Do you have a Motorola Cell Phone or other smart phone, did you install any sync software to sync phone and your computer? If so, uninstall the Motorola Phone tools


----------



## makinu1der2 (Jan 1, 2008)

*Re: How Do I Stop Performersoft Llc From running at startup*

Do you have any Performersoft products installed? PC Performer,Driver Performer,etc

Possibly installed through another program.


----------



## DrDave059 (Jun 3, 2008)

*Re: How Do I Stop Performersoft Llc From running at startup*

Thanks for all the input.
I did the run msconfig and didn't see anything. I went ahead and ran and installed the program then uninstalled it ,that didn't change anything. I have nothing synced to a cell phone. I even tried a system restore point back a few weeks and that didn't help.

Any other ideas would be appreciated


----------



## spunk.funk (May 13, 2010)

*Re: How Do I Stop Performersoft Llc From running at startup*

Reinstall the program and uninstall it with Revo Uninstaller. Make sure you do the *Advanced* method and remove all files in the Registry associated with the program.
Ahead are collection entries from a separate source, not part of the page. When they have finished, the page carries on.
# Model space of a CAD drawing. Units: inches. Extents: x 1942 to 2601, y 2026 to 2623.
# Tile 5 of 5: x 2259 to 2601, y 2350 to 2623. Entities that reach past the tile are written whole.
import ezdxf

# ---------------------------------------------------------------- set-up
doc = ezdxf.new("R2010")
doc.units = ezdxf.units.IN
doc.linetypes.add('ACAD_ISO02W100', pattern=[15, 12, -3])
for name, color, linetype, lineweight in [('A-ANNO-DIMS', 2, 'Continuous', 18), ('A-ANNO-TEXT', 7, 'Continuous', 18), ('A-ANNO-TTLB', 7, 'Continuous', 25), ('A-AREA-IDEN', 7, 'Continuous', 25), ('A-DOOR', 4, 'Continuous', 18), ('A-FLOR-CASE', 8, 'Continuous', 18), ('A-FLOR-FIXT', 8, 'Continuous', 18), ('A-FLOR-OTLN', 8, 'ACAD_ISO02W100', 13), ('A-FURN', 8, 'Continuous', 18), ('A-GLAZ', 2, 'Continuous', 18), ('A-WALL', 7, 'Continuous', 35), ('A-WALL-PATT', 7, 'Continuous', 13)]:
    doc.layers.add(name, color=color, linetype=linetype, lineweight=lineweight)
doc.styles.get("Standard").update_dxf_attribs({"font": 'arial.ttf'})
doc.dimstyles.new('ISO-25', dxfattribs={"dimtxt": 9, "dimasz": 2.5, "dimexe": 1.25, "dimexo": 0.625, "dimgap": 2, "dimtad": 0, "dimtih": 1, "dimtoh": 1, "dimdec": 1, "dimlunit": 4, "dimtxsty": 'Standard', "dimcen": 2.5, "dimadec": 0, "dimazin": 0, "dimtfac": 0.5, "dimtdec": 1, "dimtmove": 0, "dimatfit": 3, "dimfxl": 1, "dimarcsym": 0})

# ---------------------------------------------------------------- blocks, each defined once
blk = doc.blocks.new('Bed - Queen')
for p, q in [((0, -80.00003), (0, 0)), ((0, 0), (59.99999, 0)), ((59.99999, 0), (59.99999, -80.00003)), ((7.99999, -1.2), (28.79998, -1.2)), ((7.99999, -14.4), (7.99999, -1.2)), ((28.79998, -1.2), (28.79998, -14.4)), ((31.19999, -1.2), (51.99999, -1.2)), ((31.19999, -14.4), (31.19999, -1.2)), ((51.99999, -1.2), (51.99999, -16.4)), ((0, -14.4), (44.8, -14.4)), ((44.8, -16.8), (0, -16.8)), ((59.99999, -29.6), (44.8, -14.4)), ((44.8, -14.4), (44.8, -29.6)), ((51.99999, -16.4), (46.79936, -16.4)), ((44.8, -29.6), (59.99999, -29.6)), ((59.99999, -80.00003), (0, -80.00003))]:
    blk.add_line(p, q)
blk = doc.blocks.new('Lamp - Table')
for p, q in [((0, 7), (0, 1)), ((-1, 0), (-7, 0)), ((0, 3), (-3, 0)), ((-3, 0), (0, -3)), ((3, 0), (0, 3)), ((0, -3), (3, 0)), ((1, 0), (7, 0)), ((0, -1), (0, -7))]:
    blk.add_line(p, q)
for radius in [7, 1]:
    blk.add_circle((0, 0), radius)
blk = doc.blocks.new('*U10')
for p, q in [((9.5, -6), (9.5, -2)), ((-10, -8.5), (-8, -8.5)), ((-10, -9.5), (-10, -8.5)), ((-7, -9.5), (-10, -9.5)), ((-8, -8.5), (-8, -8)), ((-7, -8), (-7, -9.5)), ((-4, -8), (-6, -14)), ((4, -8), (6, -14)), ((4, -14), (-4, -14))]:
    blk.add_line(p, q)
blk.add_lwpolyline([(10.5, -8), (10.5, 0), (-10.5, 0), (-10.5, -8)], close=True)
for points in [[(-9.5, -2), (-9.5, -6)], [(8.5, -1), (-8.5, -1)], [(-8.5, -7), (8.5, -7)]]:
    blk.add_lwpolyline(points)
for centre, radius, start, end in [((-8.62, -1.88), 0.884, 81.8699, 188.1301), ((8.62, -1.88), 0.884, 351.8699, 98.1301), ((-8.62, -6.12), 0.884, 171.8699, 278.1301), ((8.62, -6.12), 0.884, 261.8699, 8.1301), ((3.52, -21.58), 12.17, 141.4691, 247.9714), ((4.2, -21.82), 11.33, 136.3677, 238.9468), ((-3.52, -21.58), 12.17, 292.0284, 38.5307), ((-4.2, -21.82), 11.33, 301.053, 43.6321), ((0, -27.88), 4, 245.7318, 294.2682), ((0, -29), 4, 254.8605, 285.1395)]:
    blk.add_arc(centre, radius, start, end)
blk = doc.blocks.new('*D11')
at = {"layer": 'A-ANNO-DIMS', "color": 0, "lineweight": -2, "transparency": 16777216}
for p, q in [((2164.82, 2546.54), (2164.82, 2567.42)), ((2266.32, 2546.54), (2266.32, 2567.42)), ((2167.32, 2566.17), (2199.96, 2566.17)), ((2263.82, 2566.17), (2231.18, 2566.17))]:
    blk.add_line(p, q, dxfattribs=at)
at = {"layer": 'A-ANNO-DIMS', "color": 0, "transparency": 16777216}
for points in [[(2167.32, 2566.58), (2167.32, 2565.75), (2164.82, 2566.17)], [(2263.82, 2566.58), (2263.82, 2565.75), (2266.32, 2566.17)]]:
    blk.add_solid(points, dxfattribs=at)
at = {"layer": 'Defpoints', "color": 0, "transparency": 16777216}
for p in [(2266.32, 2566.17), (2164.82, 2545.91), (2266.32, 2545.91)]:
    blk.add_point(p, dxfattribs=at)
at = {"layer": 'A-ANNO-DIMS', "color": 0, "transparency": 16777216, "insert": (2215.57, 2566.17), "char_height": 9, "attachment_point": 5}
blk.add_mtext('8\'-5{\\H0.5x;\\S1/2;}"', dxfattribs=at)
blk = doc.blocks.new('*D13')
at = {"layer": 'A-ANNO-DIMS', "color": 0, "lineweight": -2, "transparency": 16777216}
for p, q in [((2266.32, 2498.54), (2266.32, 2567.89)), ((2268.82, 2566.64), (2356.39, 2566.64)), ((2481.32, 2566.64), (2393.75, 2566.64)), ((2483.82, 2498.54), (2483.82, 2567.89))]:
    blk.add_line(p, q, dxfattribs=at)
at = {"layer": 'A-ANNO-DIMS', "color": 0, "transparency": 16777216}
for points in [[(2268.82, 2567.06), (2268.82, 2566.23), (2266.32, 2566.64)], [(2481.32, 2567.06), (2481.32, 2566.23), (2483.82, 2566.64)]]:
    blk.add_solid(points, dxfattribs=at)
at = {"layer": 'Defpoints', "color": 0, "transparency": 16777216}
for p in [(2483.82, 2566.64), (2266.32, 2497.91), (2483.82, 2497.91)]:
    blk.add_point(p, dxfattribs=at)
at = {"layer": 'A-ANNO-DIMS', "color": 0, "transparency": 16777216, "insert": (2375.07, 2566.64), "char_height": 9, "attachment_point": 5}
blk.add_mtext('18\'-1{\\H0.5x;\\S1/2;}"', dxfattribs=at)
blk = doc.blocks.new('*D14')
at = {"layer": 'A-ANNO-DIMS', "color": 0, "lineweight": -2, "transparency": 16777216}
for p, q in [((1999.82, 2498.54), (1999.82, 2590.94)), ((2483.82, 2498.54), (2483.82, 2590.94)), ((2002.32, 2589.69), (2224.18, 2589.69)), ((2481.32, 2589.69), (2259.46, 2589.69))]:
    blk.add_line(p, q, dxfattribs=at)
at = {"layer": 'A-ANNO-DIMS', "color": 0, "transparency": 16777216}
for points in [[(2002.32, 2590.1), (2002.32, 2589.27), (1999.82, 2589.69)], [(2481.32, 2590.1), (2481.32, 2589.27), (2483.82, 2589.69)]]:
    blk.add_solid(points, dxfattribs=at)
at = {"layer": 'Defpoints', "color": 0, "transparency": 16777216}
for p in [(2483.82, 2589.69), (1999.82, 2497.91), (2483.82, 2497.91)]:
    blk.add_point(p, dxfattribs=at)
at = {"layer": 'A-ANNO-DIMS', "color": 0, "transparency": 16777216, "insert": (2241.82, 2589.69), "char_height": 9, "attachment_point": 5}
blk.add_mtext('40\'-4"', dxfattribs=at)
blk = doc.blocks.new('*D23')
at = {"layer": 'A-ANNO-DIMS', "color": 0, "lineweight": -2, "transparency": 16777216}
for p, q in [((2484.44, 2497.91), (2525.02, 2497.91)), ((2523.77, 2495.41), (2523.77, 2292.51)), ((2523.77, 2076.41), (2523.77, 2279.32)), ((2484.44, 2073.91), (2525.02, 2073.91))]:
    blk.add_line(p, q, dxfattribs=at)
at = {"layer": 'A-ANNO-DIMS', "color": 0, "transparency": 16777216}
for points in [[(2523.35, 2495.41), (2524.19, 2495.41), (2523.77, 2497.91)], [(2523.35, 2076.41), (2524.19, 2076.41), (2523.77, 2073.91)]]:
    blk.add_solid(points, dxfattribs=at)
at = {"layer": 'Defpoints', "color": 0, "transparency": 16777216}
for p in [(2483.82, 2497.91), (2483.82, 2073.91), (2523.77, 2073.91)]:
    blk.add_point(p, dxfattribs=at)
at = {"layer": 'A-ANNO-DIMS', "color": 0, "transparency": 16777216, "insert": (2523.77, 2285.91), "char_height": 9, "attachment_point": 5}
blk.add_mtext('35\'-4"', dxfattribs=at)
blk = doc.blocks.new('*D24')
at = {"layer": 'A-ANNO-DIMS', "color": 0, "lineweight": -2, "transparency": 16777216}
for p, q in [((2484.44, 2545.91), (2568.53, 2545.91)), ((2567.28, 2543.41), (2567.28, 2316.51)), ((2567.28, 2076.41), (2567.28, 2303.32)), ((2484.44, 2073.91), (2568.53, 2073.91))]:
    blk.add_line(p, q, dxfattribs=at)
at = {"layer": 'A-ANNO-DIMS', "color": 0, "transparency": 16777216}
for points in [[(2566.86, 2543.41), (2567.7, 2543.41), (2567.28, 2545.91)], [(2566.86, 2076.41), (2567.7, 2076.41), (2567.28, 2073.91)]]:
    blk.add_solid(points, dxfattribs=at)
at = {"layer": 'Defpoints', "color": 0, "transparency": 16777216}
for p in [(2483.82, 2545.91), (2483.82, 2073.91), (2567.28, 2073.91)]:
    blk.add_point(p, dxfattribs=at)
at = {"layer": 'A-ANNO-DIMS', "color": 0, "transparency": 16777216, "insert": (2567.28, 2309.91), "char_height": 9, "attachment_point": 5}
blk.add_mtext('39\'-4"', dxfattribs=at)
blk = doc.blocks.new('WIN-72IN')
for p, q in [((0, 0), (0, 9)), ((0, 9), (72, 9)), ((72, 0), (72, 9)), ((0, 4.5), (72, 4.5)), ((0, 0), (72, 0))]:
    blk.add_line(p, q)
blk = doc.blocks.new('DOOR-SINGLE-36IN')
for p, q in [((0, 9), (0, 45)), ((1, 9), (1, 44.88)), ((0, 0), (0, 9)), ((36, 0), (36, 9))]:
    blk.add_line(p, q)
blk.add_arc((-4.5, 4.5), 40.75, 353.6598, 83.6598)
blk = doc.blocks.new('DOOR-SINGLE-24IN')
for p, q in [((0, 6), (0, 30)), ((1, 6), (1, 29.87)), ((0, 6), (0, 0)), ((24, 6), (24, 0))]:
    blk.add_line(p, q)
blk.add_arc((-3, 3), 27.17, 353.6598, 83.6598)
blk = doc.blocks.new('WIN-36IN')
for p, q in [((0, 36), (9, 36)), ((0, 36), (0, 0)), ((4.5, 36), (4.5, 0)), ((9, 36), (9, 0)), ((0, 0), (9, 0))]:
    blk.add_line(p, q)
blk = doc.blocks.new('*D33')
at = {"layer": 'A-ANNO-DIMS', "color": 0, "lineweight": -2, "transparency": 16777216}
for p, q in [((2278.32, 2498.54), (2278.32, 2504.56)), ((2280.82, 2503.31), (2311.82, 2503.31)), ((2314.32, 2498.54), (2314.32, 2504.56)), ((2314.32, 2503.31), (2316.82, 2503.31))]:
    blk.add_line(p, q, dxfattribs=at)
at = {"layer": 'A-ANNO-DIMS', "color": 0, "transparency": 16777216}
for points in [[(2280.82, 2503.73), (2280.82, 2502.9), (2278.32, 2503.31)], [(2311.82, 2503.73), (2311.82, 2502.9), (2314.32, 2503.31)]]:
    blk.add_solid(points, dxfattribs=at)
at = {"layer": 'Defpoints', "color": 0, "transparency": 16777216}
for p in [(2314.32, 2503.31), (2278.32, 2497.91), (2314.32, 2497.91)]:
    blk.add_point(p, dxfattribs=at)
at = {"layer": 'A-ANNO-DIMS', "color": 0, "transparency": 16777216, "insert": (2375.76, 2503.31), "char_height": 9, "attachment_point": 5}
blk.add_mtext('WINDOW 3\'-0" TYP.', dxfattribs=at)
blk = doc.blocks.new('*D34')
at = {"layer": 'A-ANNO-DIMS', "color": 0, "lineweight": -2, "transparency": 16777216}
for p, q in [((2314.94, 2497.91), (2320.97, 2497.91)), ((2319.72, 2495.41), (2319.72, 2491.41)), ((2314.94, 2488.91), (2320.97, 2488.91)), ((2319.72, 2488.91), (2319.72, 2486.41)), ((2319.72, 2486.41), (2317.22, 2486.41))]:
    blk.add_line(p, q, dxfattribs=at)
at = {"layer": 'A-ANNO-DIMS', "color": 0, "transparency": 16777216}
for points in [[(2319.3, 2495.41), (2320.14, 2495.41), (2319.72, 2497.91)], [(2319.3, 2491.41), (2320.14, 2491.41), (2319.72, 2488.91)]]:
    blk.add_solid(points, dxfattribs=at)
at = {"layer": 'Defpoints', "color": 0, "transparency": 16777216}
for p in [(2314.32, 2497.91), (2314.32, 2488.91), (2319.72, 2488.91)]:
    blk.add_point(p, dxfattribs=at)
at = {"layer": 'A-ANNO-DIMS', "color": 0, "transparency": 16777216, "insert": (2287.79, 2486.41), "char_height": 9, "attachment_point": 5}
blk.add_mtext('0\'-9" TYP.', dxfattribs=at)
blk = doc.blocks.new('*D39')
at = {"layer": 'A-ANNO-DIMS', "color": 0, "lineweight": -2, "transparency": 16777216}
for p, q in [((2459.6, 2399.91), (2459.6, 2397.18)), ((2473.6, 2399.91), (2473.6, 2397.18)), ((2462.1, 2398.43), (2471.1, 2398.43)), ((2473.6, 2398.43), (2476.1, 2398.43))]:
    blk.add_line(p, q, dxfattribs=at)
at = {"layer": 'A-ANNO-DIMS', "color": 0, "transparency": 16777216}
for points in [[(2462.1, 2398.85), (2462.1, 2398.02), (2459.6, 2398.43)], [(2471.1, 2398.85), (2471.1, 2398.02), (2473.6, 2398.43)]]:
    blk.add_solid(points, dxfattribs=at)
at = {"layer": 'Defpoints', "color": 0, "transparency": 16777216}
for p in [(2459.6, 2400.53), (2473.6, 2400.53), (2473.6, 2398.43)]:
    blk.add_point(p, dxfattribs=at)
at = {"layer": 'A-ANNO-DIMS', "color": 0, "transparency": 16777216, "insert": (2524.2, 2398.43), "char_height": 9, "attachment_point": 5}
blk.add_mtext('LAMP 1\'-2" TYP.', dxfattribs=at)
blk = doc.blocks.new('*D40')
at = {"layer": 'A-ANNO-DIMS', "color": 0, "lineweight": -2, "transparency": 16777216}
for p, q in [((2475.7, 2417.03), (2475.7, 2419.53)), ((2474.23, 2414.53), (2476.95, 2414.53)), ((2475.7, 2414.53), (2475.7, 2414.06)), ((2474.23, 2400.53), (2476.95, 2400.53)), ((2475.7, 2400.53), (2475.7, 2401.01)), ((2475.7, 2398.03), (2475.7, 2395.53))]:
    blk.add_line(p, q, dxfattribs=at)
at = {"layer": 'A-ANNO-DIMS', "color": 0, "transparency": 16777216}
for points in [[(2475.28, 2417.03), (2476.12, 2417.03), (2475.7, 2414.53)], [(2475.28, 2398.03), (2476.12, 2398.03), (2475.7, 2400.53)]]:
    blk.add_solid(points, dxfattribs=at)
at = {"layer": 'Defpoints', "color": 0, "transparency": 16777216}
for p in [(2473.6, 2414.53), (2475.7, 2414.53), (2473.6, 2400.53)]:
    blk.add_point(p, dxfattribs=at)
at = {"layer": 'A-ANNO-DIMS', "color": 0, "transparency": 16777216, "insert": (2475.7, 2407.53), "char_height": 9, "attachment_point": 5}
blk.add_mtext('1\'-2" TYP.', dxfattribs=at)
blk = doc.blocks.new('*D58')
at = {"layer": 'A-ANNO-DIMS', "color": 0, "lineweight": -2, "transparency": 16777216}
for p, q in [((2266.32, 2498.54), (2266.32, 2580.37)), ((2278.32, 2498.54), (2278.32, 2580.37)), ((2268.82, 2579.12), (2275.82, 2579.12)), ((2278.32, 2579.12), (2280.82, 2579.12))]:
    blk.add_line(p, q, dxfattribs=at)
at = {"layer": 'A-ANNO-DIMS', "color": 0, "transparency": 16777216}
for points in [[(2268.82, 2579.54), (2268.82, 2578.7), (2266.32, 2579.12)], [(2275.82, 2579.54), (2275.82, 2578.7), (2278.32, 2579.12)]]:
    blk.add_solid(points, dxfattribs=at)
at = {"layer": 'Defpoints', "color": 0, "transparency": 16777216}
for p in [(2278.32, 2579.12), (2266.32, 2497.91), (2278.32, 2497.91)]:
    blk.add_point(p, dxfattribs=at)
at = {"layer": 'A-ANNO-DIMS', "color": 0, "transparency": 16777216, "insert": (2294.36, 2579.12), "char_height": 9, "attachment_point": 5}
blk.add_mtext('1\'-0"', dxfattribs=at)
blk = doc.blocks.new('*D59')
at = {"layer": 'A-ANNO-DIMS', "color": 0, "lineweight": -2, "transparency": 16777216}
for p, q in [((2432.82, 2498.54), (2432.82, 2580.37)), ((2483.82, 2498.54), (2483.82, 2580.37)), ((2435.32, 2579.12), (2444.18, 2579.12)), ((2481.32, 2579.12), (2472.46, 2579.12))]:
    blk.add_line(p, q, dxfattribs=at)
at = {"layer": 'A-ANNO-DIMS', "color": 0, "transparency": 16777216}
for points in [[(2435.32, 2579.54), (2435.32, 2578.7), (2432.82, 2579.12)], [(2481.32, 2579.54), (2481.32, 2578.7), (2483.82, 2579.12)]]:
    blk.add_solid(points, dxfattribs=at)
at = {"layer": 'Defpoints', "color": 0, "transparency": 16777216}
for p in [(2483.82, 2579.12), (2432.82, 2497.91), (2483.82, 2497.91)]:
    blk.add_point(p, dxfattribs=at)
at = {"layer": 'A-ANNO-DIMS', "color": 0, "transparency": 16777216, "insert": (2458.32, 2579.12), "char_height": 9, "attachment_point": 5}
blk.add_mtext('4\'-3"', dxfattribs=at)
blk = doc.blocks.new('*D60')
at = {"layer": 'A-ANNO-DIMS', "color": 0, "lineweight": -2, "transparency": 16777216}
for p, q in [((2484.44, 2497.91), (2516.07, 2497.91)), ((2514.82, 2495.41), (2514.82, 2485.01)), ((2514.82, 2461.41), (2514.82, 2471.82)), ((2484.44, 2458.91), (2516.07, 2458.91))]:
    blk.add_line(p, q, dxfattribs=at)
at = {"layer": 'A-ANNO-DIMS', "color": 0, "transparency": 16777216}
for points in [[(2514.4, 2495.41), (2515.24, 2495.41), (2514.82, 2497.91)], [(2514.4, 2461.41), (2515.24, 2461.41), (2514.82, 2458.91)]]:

Restart the computer, when you come back up, do a search for the program and delete all left over files, empty the recycle bin.


----------



## DrDave059 (Jun 3, 2008)

*Re: How Do I Stop Performersoft Llc From running at startup*

Thanks, This problem is on my computer at work. I'll give it a try tomorrow and let you know. Thanks again!


----------



## spunk.funk (May 13, 2010)

*Re: How Do I Stop Performersoft Llc From running at startup*

You may want to speak with your IT admin to help you with this as it might be a program they installed for you.


----------



## DrDave059 (Jun 3, 2008)

*Re: How Do I Stop Performersoft Llc From running at startup*

Thanks for all the help. All is well in Computer Land..


----------



## makinu1der2 (Jan 1, 2008)

*Re: How Do I Stop Performersoft Llc From running at startup*

Glad you got it sorted. What was your resolution?


----------



## spunk.funk (May 13, 2010)

*Re: How Do I Stop Performersoft Llc From running at startup*

Yes, share with us the solution and then mark this thread Solved in the Thread Tools at the Top.


----------



## DrDave059 (Jun 3, 2008)

*Re: How Do I Stop Performersoft Llc From running at startup*

Re-installing the program and uninstalling it with Revo Uninstaller did the trick.

Thanks again!


----------



## spunk.funk (May 13, 2010)

You are welcome!


----------



## ShinBoy (Dec 14, 2011)

I had the same problem as I had accidentally clicked to download PC Performance enhancer software but had not installed it. The pop up message was requesting to install the software every time I started up my laptop. As the downloaded file was in the temporary internet folder by launching internet explorer and going to tools, internet options I was able to solve the problem by deleting everything from the temporary internet folder.


----------



## CriticalPoint (Feb 9, 2008)

Thanks Shin, good post. :biggrinsa


----------



## Bisjer (Jun 15, 2012)

*Re: How Do I Stop Performersoft Llc From running at startup*



DrDave059 said:


> Re-installing the program and uninstalling it with Revo Uninstaller did the trick.
> 
> Thanks again!


I had the same problem, and looked at msconfig as suggested. I found Easy-Hide-IP (which I have looked at and decided against) and deactivating that also stopped Performer Soft. Apparently one had dragged the other with it.


----------